A comprehensive NeurologyLive review details emerging evidence for GLP-1 receptor agonists across neurological diseases including Alzheimer's, Parkinson's, multiple sclerosis, and stroke. Despite setbacks in the Phase 3 EVOKE Alzheimer's trial, ongoing trials like LIGHT-MCI and OxSENSE continue to explore neurobiological mechanisms beyond metabolic effects.
Stanford researchers found approximately 10% of people may have resistance to GLP-1 drugs, limiting effectiveness for glucose regulation and weight loss. The study examined individual variation in how GLP-1 drugs slow gastric emptying.
The Atlantic examines how GLP-1 pills are reshaping obesity treatment. The shift from weekly injections to daily pills addresses a major compliance barrier, though patients must continue therapy indefinitely.
Eli Lilly formally launched Foundayo (orforglipron) eight days after FDA approval, having pre-stocked $1.5 billion worth of the drug. The oral obesity market now features a direct Lilly vs Novo Nordisk competition.

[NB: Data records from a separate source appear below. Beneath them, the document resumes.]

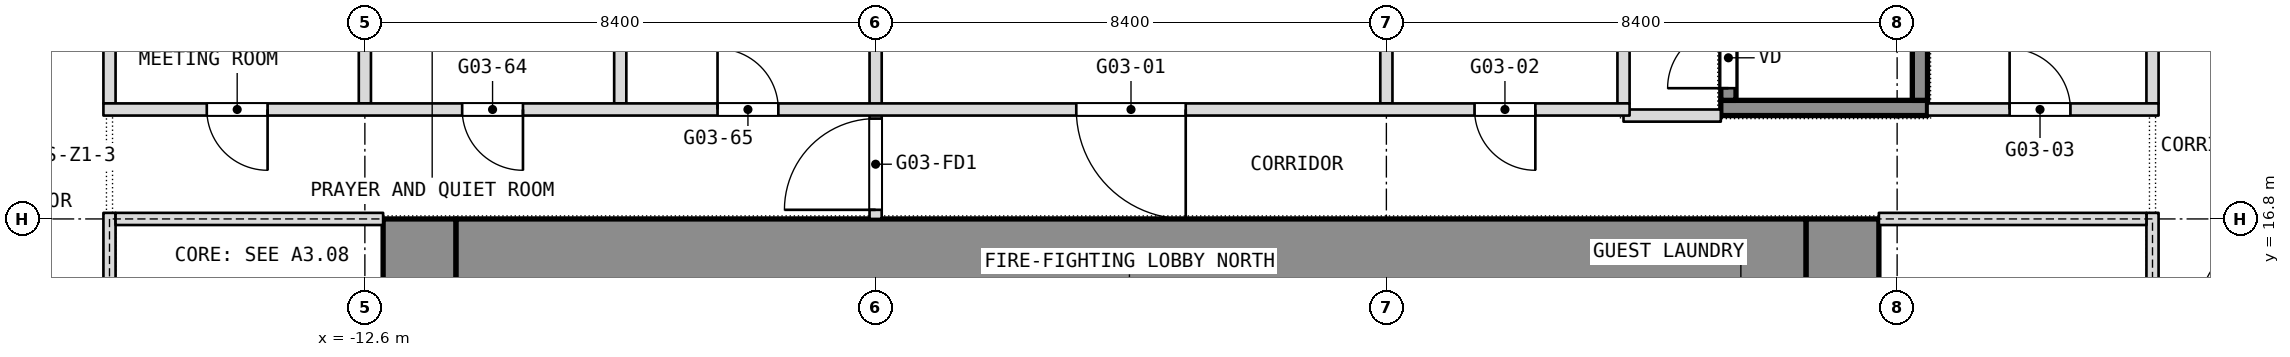
"""IFC4 building model, lengths in metres.
Left out: names, types, materials, properties, quantities, classifications, styles, units other than length and angle.
Written with IfcOpenShell. Run it as: python <this file> out.ifc"""

import sys

from ifc_helpers import new_model, si_unit, direction, frame, frame_2d, origin, place, context, subcontext, project, spatial, rectangle, extrude, element, fill, save


model = new_model("IFC4")
c1 = context("Model", 3, precision=1e-05, world=origin(), true_north=direction((0.0, 1.0)))
c2 = subcontext(c1, "Body", "Model", "MODEL_VIEW")
j1 = project(units=[si_unit("LENGTHUNIT", "METRE"), si_unit("PLANEANGLEUNIT", "RADIAN")], contexts=[c1])
p1 = place(None, origin())
s1 = spatial("IfcSite", under=j1, at=p1, CompositionType="ELEMENT")
p2 = place(p1, origin())
s2 = spatial("IfcBuilding", under=s1, at=p2, CompositionType="ELEMENT")
p3 = place(p2, frame((0.0, 0.0, 50.9)))
s3 = spatial("IfcBuildingStorey", under=s2, at=p3, CompositionType="ELEMENT", Elevation=50.9)
p4 = place(p3, frame((11.7, 0.0, 0.0), z_axis=(0.0, 0.0, 1.0), x_axis=(0.0, 1.0, 0.0)))
e1 = element("IfcWall", 1, at=p4, inside=s3, PredefinedType="SHEAR", context=c2, shape_type="SweptSolid", body=[
    extrude(rectangle(XDim=16.8, YDim=1.2, at=frame_2d((8.4, 0.0))), origin(), (0.0, 0.0, 1.0), 3.6),
])
p5 = place(p4, frame((3.6, 0.0, 0.0)))
e2 = element("IfcOpeningElement", 2, at=p5, cuts=e1, PredefinedType="OPENING", context=c2, shape_type="SweptSolid", body=[
    extrude(rectangle(XDim=0.9, YDim=2.1, at=frame_2d((0.45, 1.05))), frame((0.0, 0.6, 0.0), z_axis=(0.0, -1.0, 0.0), x_axis=(1.0, 0.0, 0.0)), (0.0, 0.0, 1.0), 1.2),
])
p6 = place(p4, frame((6.825, 0.0, 0.0)))
e3 = element("IfcOpeningElement", 3, at=p6, cuts=e1, PredefinedType="OPENING", context=c2, shape_type="SweptSolid", body=[
    extrude(rectangle(XDim=1.2, YDim=2.1, at=frame_2d((0.6, 1.05))), frame((0.0, 0.6, 0.0), z_axis=(0.0, -1.0, 0.0), x_axis=(1.0, 0.0, 0.0)), (0.0, 0.0, 1.0), 1.2),
])
p7 = place(p4, frame((12.3, 0.0, 0.0)))
e4 = element("IfcOpeningElement", 4, at=p7, cuts=e1, PredefinedType="OPENING", context=c2, shape_type="SweptSolid", body=[
    extrude(rectangle(XDim=0.9, YDim=2.1, at=frame_2d((0.45, 1.05))), frame((0.0, 0.6, 0.0), z_axis=(0.0, -1.0, 0.0), x_axis=(1.0, 0.0, 0.0)), (0.0, 0.0, 1.0), 1.2),
])
p8 = place(p4, frame((8.775, 0.0, 0.0)))
e5 = element("IfcOpeningElement", 5, at=p8, cuts=e1, PredefinedType="OPENING", context=c2, shape_type="SweptSolid", body=[
    extrude(rectangle(XDim=1.2, YDim=2.1, at=frame_2d((0.6, 1.05))), frame((0.0, 0.6, 0.0), z_axis=(0.0, -1.0, 0.0), x_axis=(1.0, 0.0, 0.0)), (0.0, 0.0, 1.0), 1.2),
])
p9 = place(p3, frame((-11.7, 0.0, 0.0), z_axis=(0.0, 0.0, 1.0), x_axis=(0.0, 1.0, 0.0)))
e6 = element("IfcWall", 6, at=p9, inside=s3, PredefinedType="SHEAR", context=c2, shape_type="SweptSolid", body=[
    extrude(rectangle(XDim=16.8, YDim=1.2, at=frame_2d((8.4, 0.0))), origin(), (0.0, 0.0, 1.0), 3.6),
])
p10 = place(p9, frame((2.3, 0.0, 0.0)))
e7 = element("IfcOpeningElement", 7, at=p10, cuts=e6, PredefinedType="OPENING", context=c2, shape_type="SweptSolid", body=[
    extrude(rectangle(XDim=1.1, YDim=2.1, at=frame_2d((0.55, 1.05))), frame((0.0, 0.6, 0.0), z_axis=(0.0, -1.0, 0.0), x_axis=(1.0, 0.0, 0.0)), (0.0, 0.0, 1.0), 1.2),
])
p11 = place(p9, frame((4.85, 0.0, 0.0)))
e8 = element("IfcOpeningElement", 8, at=p11, cuts=e6, PredefinedType="OPENING", context=c2, shape_type="SweptSolid", body=[
    extrude(rectangle(XDim=1.1, YDim=2.1, at=frame_2d((0.55, 1.05))), frame((0.0, 0.6, 0.0), z_axis=(0.0, -1.0, 0.0), x_axis=(1.0, 0.0, 0.0)), (0.0, 0.0, 1.0), 1.2),
])
p12 = place(p9, frame((6.825, 0.0, 0.0)))
e9 = element("IfcOpeningElement", 9, at=p12, cuts=e6, PredefinedType="OPENING", context=c2, shape_type="SweptSolid", body=[
    extrude(rectangle(XDim=1.2, YDim=2.1, at=frame_2d((0.6, 1.05))), frame((0.0, 0.6, 0.0), z_axis=(0.0, -1.0, 0.0), x_axis=(1.0, 0.0, 0.0)), (0.0, 0.0, 1.0), 1.2),
])
p13 = place(p9, frame((13.4, 0.0, 0.0)))
e10 = element("IfcOpeningElement", 10, at=p13, cuts=e6, PredefinedType="OPENING", context=c2, shape_type="SweptSolid", body=[
    extrude(rectangle(XDim=1.1, YDim=2.1, at=frame_2d((0.55, 1.05))), frame((0.0, 0.6, 0.0), z_axis=(0.0, -1.0, 0.0), x_axis=(1.0, 0.0, 0.0)), (0.0, 0.0, 1.0), 1.2),
])
p14 = place(p9, frame((10.85, 0.0, 0.0)))
e11 = element("IfcOpeningElement", 11, at=p14, cuts=e6, PredefinedType="OPENING", context=c2, shape_type="SweptSolid", body=[
    extrude(rectangle(XDim=1.1, YDim=2.1, at=frame_2d((0.55, 1.05))), frame((0.0, 0.6, 0.0), z_axis=(0.0, -1.0, 0.0), x_axis=(1.0, 0.0, 0.0)), (0.0, 0.0, 1.0), 1.2),
])
p15 = place(p9, frame((8.775, 0.0, 0.0)))
e12 = element("IfcOpeningElement", 12, at=p15, cuts=e6, PredefinedType="OPENING", context=c2, shape_type="SweptSolid", body=[
    extrude(rectangle(XDim=1.2, YDim=2.1, at=frame_2d((0.6, 1.05))), frame((0.0, 0.6, 0.0), z_axis=(0.0, -1.0, 0.0), x_axis=(1.0, 0.0, 0.0)), (0.0, 0.0, 1.0), 1.2),
])
p16 = place(p3, frame((-11.1, 16.2, 0.0), z_axis=(0.0, 0.0, 1.0), x_axis=(1.0, 0.0, 0.0)))
e13 = element("IfcWall", 13, at=p16, inside=s3, PredefinedType="SHEAR", context=c2, shape_type="SweptSolid", body=[
    extrude(rectangle(XDim=22.2, YDim=1.2, at=frame_2d((11.1, 0.0))), origin(), (0.0, 0.0, 1.0), 3.6),
])
p17 = place(p3, frame((16.8, 18.7, 0.0), z_axis=(0.0, 0.0, 1.0), x_axis=(0.0, 1.0, 0.0)))
e14 = element("IfcWall", 14, at=p17, inside=s3, PredefinedType="PARTITIONING", context=c2, shape_type="SweptSolid", body=[
    extrude(rectangle(XDim=3.0, YDim=0.2, at=frame_2d((1.5, 0.0))), origin(), (0.0, 0.0, 1.0), 3.34),
])
for number, where, z_axis, x_axis in (
    (15, (8.1, 18.7, 0.0), (0.0, 0.0, 1.0), (0.0, 1.0, 0.0)),
    (16, (4.2, 18.7, 0.0), (0.0, 0.0, 1.0), (0.0, 1.0, 0.0)),
):
    element("IfcWall", number, at=place(p3, frame(where, z_axis=z_axis, x_axis=x_axis)), inside=s3, PredefinedType="PARTITIONING", context=c2, shape_type="SweptSolid", body=[
        extrude(rectangle(XDim=2.8, YDim=0.2, at=frame_2d((1.4, 0.0))), origin(), (0.0, 0.0, 1.0), 3.34),
    ])
p18 = place(p3, frame((-4.2, 16.8, 0.0), z_axis=(0.0, 0.0, 1.0), x_axis=(0.0, 1.0, 0.0)))
e17 = element("IfcWall", 17, at=p18, inside=s3, PredefinedType="PARTITIONING", context=c2, shape_type="SweptSolid", body=[
    extrude(rectangle(XDim=6.7, YDim=0.2, at=frame_2d((3.35, 0.0))), origin(), (0.0, 0.0, 1.0), 3.34),
])
p19 = place(p18, frame((0.15, 0.0, 0.0)))
e18 = element("IfcOpeningElement", 18, at=p19, cuts=e17, PredefinedType="OPENING", context=c2, shape_type="SweptSolid", body=[
    extrude(rectangle(XDim=1.5, YDim=2.1, at=frame_2d((0.75, 1.05))), frame((0.0, 0.1, 0.0), z_axis=(0.0, -1.0, 0.0), x_axis=(1.0, 0.0, 0.0)), (0.0, 0.0, 1.0), 0.2),
])
p20 = place(p18, frame((4.95, 0.0, 0.0)))
e19 = element("IfcOpeningElement", 19, at=p20, cuts=e17, PredefinedType="OPENING", context=c2, shape_type="SweptSolid", body=[
    extrude(rectangle(XDim=1.5, YDim=2.1, at=frame_2d((0.75, 1.05))), frame((0.0, 0.1, 0.0), z_axis=(0.0, -1.0, 0.0), x_axis=(1.0, 0.0, 0.0)), (0.0, 0.0, 1.0), 0.2),
])
for number, where, z_axis, x_axis in (
    (20, (-8.4, 18.7, 0.0), (0.0, 0.0, 1.0), (0.0, 1.0, 0.0)),
    (21, (-12.6, 18.7, 0.0), (0.0, 0.0, 1.0), (0.0, 1.0, 0.0)),
):
    element("IfcWall", number, at=place(p3, frame(where, z_axis=z_axis, x_axis=x_axis)), inside=s3, PredefinedType="PARTITIONING", context=c2, shape_type="SweptSolid", body=[
        extrude(rectangle(XDim=2.8, YDim=0.2, at=frame_2d((1.4, 0.0))), origin(), (0.0, 0.0, 1.0), 3.34),
    ])
p21 = place(p3, frame((-16.8, 18.7, 0.0), z_axis=(0.0, 0.0, 1.0), x_axis=(0.0, 1.0, 0.0)))
e22 = element("IfcWall", 22, at=p21, inside=s3, PredefinedType="PARTITIONING", context=c2, shape_type="SweptSolid", body=[
    extrude(rectangle(XDim=3.0, YDim=0.2, at=frame_2d((1.5, 0.0))), origin(), (0.0, 0.0, 1.0), 3.34),
])
p22 = place(p3, frame((8.1, 18.5, 0.0), z_axis=(0.0, 0.0, 1.0), x_axis=(1.0, 0.0, 0.0)))
e23 = element("IfcWall", 23, at=p22, inside=s3, PredefinedType="PARTITIONING", context=c2, shape_type="SweptSolid", body=[
    extrude(rectangle(XDim=1.6, YDim=0.2, at=frame_2d((0.8, 0.0))), origin(), (0.0, 0.0, 1.0), 3.34),
])
p23 = place(p3, frame((-16.9, 18.6, 0.0), z_axis=(0.0, 0.0, 1.0), x_axis=(1.0, 0.0, 0.0)))
e24 = element("IfcWall", 24, at=p23, inside=s3, PredefinedType="PARTITIONING", context=c2, shape_type="SweptSolid", body=[
    extrude(rectangle(XDim=25.1, YDim=0.2, at=frame_2d((12.55, 0.0))), origin(), (0.0, 0.0, 1.0), 3.34),
])
p24 = place(p23, frame((16.0, 0.0, 0.0)))
e25 = element("IfcOpeningElement", 25, at=p24, cuts=e24, PredefinedType="OPENING", context=c2, shape_type="SweptSolid", body=[
    extrude(rectangle(XDim=1.8, YDim=2.1, at=frame_2d((0.9, 1.05))), frame((0.0, 0.1, 0.0), z_axis=(0.0, -1.0, 0.0), x_axis=(1.0, 0.0, 0.0)), (0.0, 0.0, 1.0), 0.2),
])
p25 = place(p23, frame((22.55, 0.0, 0.0)))
e26 = element("IfcOpeningElement", 26, at=p25, cuts=e24, PredefinedType="OPENING", context=c2, shape_type="SweptSolid", body=[
    extrude(rectangle(XDim=1.0, YDim=2.1, at=frame_2d((0.5, 1.05))), frame((0.0, 0.1, 0.0), z_axis=(0.0, -1.0, 0.0), x_axis=(1.0, 0.0, 0.0)), (0.0, 0.0, 1.0), 0.2),
])
p26 = place(p23, frame((5.9, 0.0, 0.0)))
e27 = element("IfcOpeningElement", 27, at=p26, cuts=e24, PredefinedType="OPENING", context=c2, shape_type="SweptSolid", body=[
    extrude(rectangle(XDim=1.0, YDim=2.1, at=frame_2d((0.5, 1.05))), frame((0.0, 0.1, 0.0), z_axis=(0.0, -1.0, 0.0), x_axis=(1.0, 0.0, 0.0)), (0.0, 0.0, 1.0), 0.2),
])
p27 = place(p23, frame((10.1, 0.0, 0.0)))
e28 = element("IfcOpeningElement", 28, at=p27, cuts=e24, PredefinedType="OPENING", context=c2, shape_type="SweptSolid", body=[
    extrude(rectangle(XDim=1.0, YDim=2.1, at=frame_2d((0.5, 1.05))), frame((0.0, 0.1, 0.0), z_axis=(0.0, -1.0, 0.0), x_axis=(1.0, 0.0, 0.0)), (0.0, 0.0, 1.0), 0.2),
])
p28 = place(p23, frame((1.7, 0.0, 0.0)))
e29 = element("IfcOpeningElement", 29, at=p28, cuts=e24, PredefinedType="OPENING", context=c2, shape_type="SweptSolid", body=[
    extrude(rectangle(XDim=1.0, YDim=2.1, at=frame_2d((0.5, 1.05))), frame((0.0, 0.1, 0.0), z_axis=(0.0, -1.0, 0.0), x_axis=(1.0, 0.0, 0.0)), (0.0, 0.0, 1.0), 0.2),
])
p29 = place(p3, frame((13.1, 18.6, 0.0), z_axis=(0.0, 0.0, 1.0), x_axis=(1.0, 0.0, 0.0)))
e30 = element("IfcWall", 30, at=p29, inside=s3, PredefinedType="PARTITIONING", context=c2, shape_type="SweptSolid", body=[
    extrude(rectangle(XDim=3.8, YDim=0.2, at=frame_2d((1.9, 0.0))), origin(), (0.0, 0.0, 1.0), 3.34),
])
p30 = place(p29, frame((1.35, 0.0, 0.0)))
e31 = element("IfcOpeningElement", 31, at=p30, cuts=e30, PredefinedType="OPENING", context=c2, shape_type="SweptSolid", body=[
    extrude(rectangle(XDim=1.0, YDim=2.1, at=frame_2d((0.5, 1.05))), frame((0.0, 0.1, 0.0), z_axis=(0.0, -1.0, 0.0), x_axis=(1.0, 0.0, 0.0)), (0.0, 0.0, 1.0), 0.2),
])
p31 = place(p3, frame((-16.8, -0.1, 0.0), z_axis=(0.0, 0.0, 1.0), x_axis=(0.0, 1.0, 0.0)))
e32 = element("IfcWall", 32, at=p31, inside=s3, PredefinedType="PARTITIONING", context=c2, shape_type="SweptSolid", body=[
    extrude(rectangle(XDim=17.0, YDim=0.2, at=frame_2d((8.5, 0.0))), origin(), (0.0, 0.0, 1.0), 3.34),
])
p32 = place(p31, frame((2.2, 0.0, 0.0)))
e33 = element("IfcOpeningElement", 33, at=p32, cuts=e32, PredefinedType="OPENING", context=c2, shape_type="SweptSolid", body=[
    extrude(rectangle(XDim=1.8, YDim=2.1, at=frame_2d((0.9, 1.05))), frame((0.0, 0.1, 0.0), z_axis=(0.0, -1.0, 0.0), x_axis=(1.0, 0.0, 0.0)), (0.0, 0.0, 1.0), 0.2),
])
p33 = place(p31, frame((7.2, 0.0, 0.0)))
e34 = element("IfcOpeningElement", 34, at=p33, cuts=e32, PredefinedType="OPENING", context=c2, shape_type="SweptSolid", body=[
    extrude(rectangle(XDim=1.8, YDim=2.1, at=frame_2d((0.9, 1.05))), frame((0.0, 0.1, 0.0), z_axis=(0.0, -1.0, 0.0), x_axis=(1.0, 0.0, 0.0)), (0.0, 0.0, 1.0), 0.2),
])
p34 = place(p3, frame((-16.7, 16.8, 0.0), z_axis=(0.0, 0.0, 1.0), x_axis=(1.0, 0.0, 0.0)))
e35 = element("IfcWall", 35, at=p34, inside=s3, PredefinedType="PARTITIONING", context=c2, shape_type="SweptSolid", body=[
    extrude(rectangle(XDim=4.4, YDim=0.2, at=frame_2d((2.2, 0.0))), origin(), (0.0, 0.0, 1.0), 2.84),
])
p35 = place(p3, frame((16.8, -0.1, 0.0), z_axis=(0.0, 0.0, 1.0), x_axis=(0.0, 1.0, 0.0)))
e36 = element("IfcWall", 36, at=p35, inside=s3, PredefinedType="PARTITIONING", context=c2, shape_type="SweptSolid", body=[
    extrude(rectangle(XDim=17.0, YDim=0.2, at=frame_2d((8.5, 0.0))), origin(), (0.0, 0.0, 1.0), 3.34),
])
p36 = place(p35, frame((2.2, 0.0, 0.0)))
e37 = element("IfcOpeningElement", 37, at=p36, cuts=e36, PredefinedType="OPENING", context=c2, shape_type="SweptSolid", body=[
    extrude(rectangle(XDim=1.8, YDim=2.1, at=frame_2d((0.9, 1.05))), frame((0.0, 0.1, 0.0), z_axis=(0.0, -1.0, 0.0), x_axis=(1.0, 0.0, 0.0)), (0.0, 0.0, 1.0), 0.2),
])
p37 = place(p35, frame((13.0, 0.0, 0.0)))
e38 = element("IfcOpeningElement", 38, at=p37, cuts=e36, PredefinedType="OPENING", context=c2, shape_type="SweptSolid", body=[
    extrude(rectangle(XDim=1.8, YDim=2.1, at=frame_2d((0.9, 1.05))), frame((0.0, 0.1, 0.0), z_axis=(0.0, -1.0, 0.0), x_axis=(1.0, 0.0, 0.0)), (0.0, 0.0, 1.0), 0.2),
])
p38 = place(p3, frame((12.3, 16.8, 0.0), z_axis=(0.0, 0.0, 1.0), x_axis=(1.0, 0.0, 0.0)))
e39 = element("IfcWall", 39, at=p38, inside=s3, PredefinedType="PARTITIONING", context=c2, shape_type="SweptSolid", body=[
    extrude(rectangle(XDim=4.4, YDim=0.2, at=frame_2d((2.2, 0.0))), origin(), (0.0, 0.0, 1.0), 2.84),
])
p39 = place(p3, frame((9.7, 18.625, 0.1), z_axis=(0.0, 0.0, 1.0), x_axis=(1.0, 0.0, 0.0)))
e40 = element("IfcWall", 40, at=p39, inside=s3, PredefinedType="SHEAR", context=c2, shape_type="SweptSolid", body=[
    extrude(rectangle(XDim=3.4, YDim=0.25, at=frame_2d((1.7, 0.0))), origin(), (0.0, 0.0, 1.0), 3.6),
])
p40 = place(p3, frame((9.825, 18.75, 0.1), z_axis=(0.0, 0.0, 1.0), x_axis=(0.0, 1.0, 0.0)))
e41 = element("IfcWall", 41, at=p40, inside=s3, PredefinedType="SHEAR", context=c2, shape_type="SweptSolid", body=[
    extrude(rectangle(XDim=5.7, YDim=0.25, at=frame_2d((2.85, 0.0))), origin(), (0.0, 0.0, 1.0), 3.6),
])
p41 = place(p40, frame((0.2, 0.0, 0.0)))
e42 = element("IfcOpeningElement", 42, at=p41, cuts=e41, PredefinedType="OPENING", context=c2, shape_type="SweptSolid", body=[
    extrude(rectangle(XDim=1.0, YDim=2.1, at=frame_2d((0.5, 1.05))), frame((0.0, 0.125, 0.0), z_axis=(0.0, -1.0, 0.0), x_axis=(1.0, 0.0, 0.0)), (0.0, 0.0, 1.0), 0.25),
])
p42 = place(p3, frame((12.975, 18.75, 0.1), z_axis=(0.0, 0.0, 1.0), x_axis=(0.0, 1.0, 0.0)))
e43 = element("IfcWall", 43, at=p42, inside=s3, PredefinedType="SHEAR", context=c2, shape_type="SweptSolid", body=[
    extrude(rectangle(XDim=5.7, YDim=0.25, at=frame_2d((2.85, 0.0))), origin(), (0.0, 0.0, 1.0), 3.6),
])
p43 = place(p24, origin())
e44 = element("IfcDoor", 44, at=p43, inside=s3, OperationType="DOUBLE_DOOR_SINGLE_SWING", PredefinedType="DOOR", context=c2, shape_type="SweptSolid", body=[
    extrude(rectangle(XDim=1.8, YDim=2.1, at=frame_2d((0.9, 1.05))), frame((0.0, 0.025, 0.0), z_axis=(0.0, -1.0, 0.0), x_axis=(1.0, 0.0, 0.0)), (0.0, 0.0, 1.0), 0.05),
])
fill(e25, e44)
p44 = place(p25, origin())
e45 = element("IfcDoor", 45, at=p44, inside=s3, OperationType="SINGLE_SWING_RIGHT", PredefinedType="DOOR", context=c2, shape_type="SweptSolid", body=[
    extrude(rectangle(XDim=1.0, YDim=2.1, at=frame_2d((0.5, 1.05))), frame((0.0, 0.025, 0.0), z_axis=(0.0, -1.0, 0.0), x_axis=(1.0, 0.0, 0.0)), (0.0, 0.0, 1.0), 0.05),
])
fill(e26, e45)
p45 = place(p26, origin())
e46 = element("IfcDoor", 46, at=p45, inside=s3, OperationType="SINGLE_SWING_RIGHT", PredefinedType="DOOR", context=c2, shape_type="SweptSolid", body=[
    extrude(rectangle(XDim=1.0, YDim=2.1, at=frame_2d((0.5, 1.05))), frame((0.0, 0.025, 0.0), z_axis=(0.0, -1.0, 0.0), x_axis=(1.0, 0.0, 0.0)), (0.0, 0.0, 1.0), 0.05),
])
fill(e27, e46)
p46 = place(p27, origin())
e47 = element("IfcDoor", 47, at=p46, inside=s3, OperationType="SINGLE_SWING_LEFT", PredefinedType="DOOR", context=c2, shape_type="SweptSolid", body=[
    extrude(rectangle(XDim=1.0, YDim=2.1, at=frame_2d((0.5, 1.05))), frame((0.0, 0.025, 0.0), z_axis=(0.0, -1.0, 0.0), x_axis=(1.0, 0.0, 0.0)), (0.0, 0.0, 1.0), 0.05),
])
fill(e28, e47)
p47 = place(p28, origin())
e48 = element("IfcDoor", 48, at=p47, inside=s3, OperationType="SINGLE_SWING_RIGHT", PredefinedType="DOOR", context=c2, shape_type="SweptSolid", body=[
    extrude(rectangle(XDim=1.0, YDim=2.1, at=frame_2d((0.5, 1.05))), frame((0.0, 0.025, 0.0), z_axis=(0.0, -1.0, 0.0), x_axis=(1.0, 0.0, 0.0)), (0.0, 0.0, 1.0), 0.05),
])
fill(e29, e48)
p48 = place(p30, origin())
e49 = element("IfcDoor", 49, at=p48, inside=s3, OperationType="SINGLE_SWING_LEFT", PredefinedType="DOOR", context=c2, shape_type="SweptSolid", body=[
    extrude(rectangle(XDim=1.0, YDim=2.1, at=frame_2d((0.5, 1.05))), frame((0.0, 0.025, 0.0), z_axis=(0.0, -1.0, 0.0), x_axis=(1.0, 0.0, 0.0)), (0.0, 0.0, 1.0), 0.05),
])
fill(e31, e49)
p49 = place(p41, origin())
e50 = element("IfcDoor", 50, at=p49, inside=s3, OperationType="SINGLE_SWING_LEFT", PredefinedType="DOOR", context=c2, shape_type="SweptSolid", body=[
    extrude(rectangle(XDim=1.0, YDim=2.1, at=frame_2d((0.5, 1.05))), frame((0.0, 0.025, 0.0), z_axis=(0.0, -1.0, 0.0), x_axis=(1.0, 0.0, 0.0)), (0.0, 0.0, 1.0), 0.05),
])
fill(e42, e50)
p50 = place(p19, origin())
e51 = element("IfcDoor", 51, at=p50, inside=s3, OperationType="DOUBLE_DOOR_DOUBLE_SWING", PredefinedType="DOOR", context=c2, shape_type="SweptSolid", body=[
    extrude(rectangle(XDim=1.5, YDim=2.1, at=frame_2d((0.75, 1.05))), frame((0.0, 0.025, 0.0), z_axis=(0.0, -1.0, 0.0), x_axis=(1.0, 0.0, 0.0)), (0.0, 0.0, 1.0), 0.05),
])
fill(e18, e51)
save(model, sys.argv[1])

The FDA is intensifying enforcement against compounding pharmacies selling unapproved GLP-1 products, threatening seizure and injunction. Hims & Hers was specifically named following the February 2026 TrumpRx launch.
Clarivate projects orforglipron and retatrutide as the defining GLP-1 drugs of the next decade. Retatrutide is projected for 2028 launch after seven additional Phase III readouts expected this year.